Thursday, June 05, 2008

apathyjack version monkeypointoh online

Apathy Jack writes:

Evening all. Been offline for well over a month essentially for no reason other than I'm not so good at putting computers back together. I'll post something of my usual calibre again in the next day or so (no no, try to contain your applause - you'll make it look rehearsed) but for the time being, I figured I'd give the few of you still lingering around here something needlessly long to read. So, behind the cut is something I wrote last year, but never posted because, you know, it was too self-indulgent. But I figure after a month and a half of almost total silence, I can post what I want, and no one will notice.

...

You know, I’m beginning to get the feeling people think I’m not coping...
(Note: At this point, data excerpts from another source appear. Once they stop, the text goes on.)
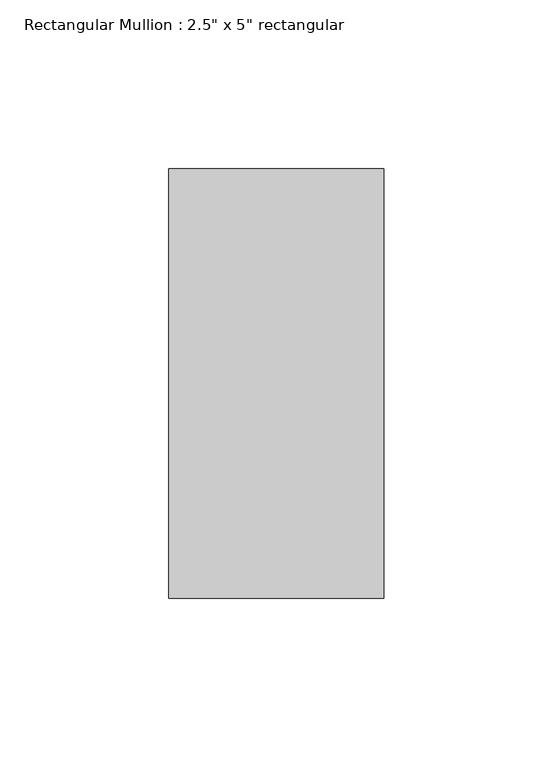
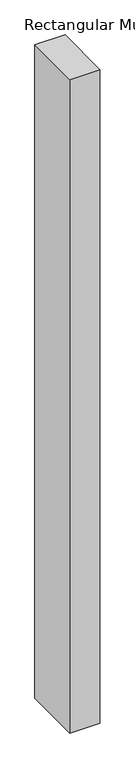
"""IFC4 building model written with IfcOpenShell, lengths in millimetres: member geometry."""

from ifc_helpers import new_model, si_unit, frame, origin, place, context, project, spatial, polyline, outline, extrude, source, transform, mapped, element, save


def member_b9522cbe(model_context):
    return source(origin(), model_context, "Body", "SweptSolid", [
        extrude(outline(polyline([(0.0, 63.5), (0.0, -63.5), (-63.5, -63.5), (-63.5, 63.5), (0.0, 63.5)])), frame((0.0, 0.0, -1452.5193485), z_axis=(0.0, 0.0, 1.0), x_axis=(1.0, 0.0, 0.0)), (0.0, 0.0, 1.0), 1452.5193485),
    ])


if __name__ == "__main__":
    model = new_model("IFC4")
    model_context = context("Model", 3, world=origin())
    ifc_project = project(units=[si_unit("LENGTHUNIT", "METRE", prefix="MILLI")], contexts=[model_context])
    site = spatial("IfcSite", under=ifc_project)
    building = spatial("IfcBuilding", under=site)
    placement = place(None, origin())
    member_shape = member_b9522cbe(model_context)
    element("IfcMember", 1, ObjectType="Rectangular Mullion : 2.5\" x 5\" rectangular", at=placement, inside=building, context=model_context, shape_type="MappedRepresentation", body=[
        mapped(member_shape, transform((0.0, 0.0, 0.0), x_axis=(1.0, 0.0, 0.0), y_axis=(0.0, 1.0, 0.0), z_axis=(0.0, 0.0, 1.0))),
    ])
    save(model, "model.ifc")

# Revit data of these elements
# Type "Rectangular Mullion : 2.5\" x 5\" rectangular"
#   built-in parameter 1007304 = 0.416667 (stored number, unit not read)
#   built-in parameter 1007301 = 0.104167 (stored number, unit not read)
#   built-in parameter 1007300 = 0.104167 (stored number, unit not read)
# Element 1 (IfcMember, "Rectangular Mullion : 2.5\" x 5\" rectangular")
#   Materials on its faces: "Aluminum"
# Materials
#   "Aluminum": class "Metal", colour RGB 247 247 247, transparency 0, Description = "Aluminum 6061", Cost = 0

After I wrote this a very close friend of mine emailed me with real concern suggesting I get counselling. Now, this was remarkable not only because he is, in his own words, a constant smartarse, who had to break character to express his concern, but also because he hates counselling and the whole mentality behind it.

A few days later, a student told me that when I smiled, it didn’t reach my eyes...

Here’s the thing: I’m pretty good.

Am I still fucked up over leaving Hoodrat? Certainly. But that probably needs clarification.

I can, without expending more than a few seconds of brain-time, name half a dozen teachers – good teachers; most of them better than me – who were driven out of teaching by their time there. Didn’t go to another school, but actually jumped from the profession, pausing on their way out only long enough to make sure that everyone knew exactly where the blame lay. There were kids in Year 11 who, by the time I left, were onto their eighth English teacher. That’s eight separate teachers in two-and-a-bit years. Stats compiled in the last year or two showed that of the Year 13s, only thirty percent or so had been at the school in Year 9. This means that seventy percent of the students left, either for other schools, external courses, or, I don’t know, prison via the Dole office, and were replaced with kids who had been forced out of their first (and occasionally second, and more than once; third) schools.

And every year, we watched it get worse.

When I first started at Hoodrat, I was surrounded by an array of absolutely magnificent teachers – many of whom are now Deputy Principals around Auckland – and they all left, saying exactly the same thing (and I mean exactly: these people were friends, and had discussed the matter at length): Hoodrat was a good school, and, with the particular mix of staff and students, it had the potential to become a great school. However; after years of trying, they realised that they were unable to achieve this potential, so one by one they left.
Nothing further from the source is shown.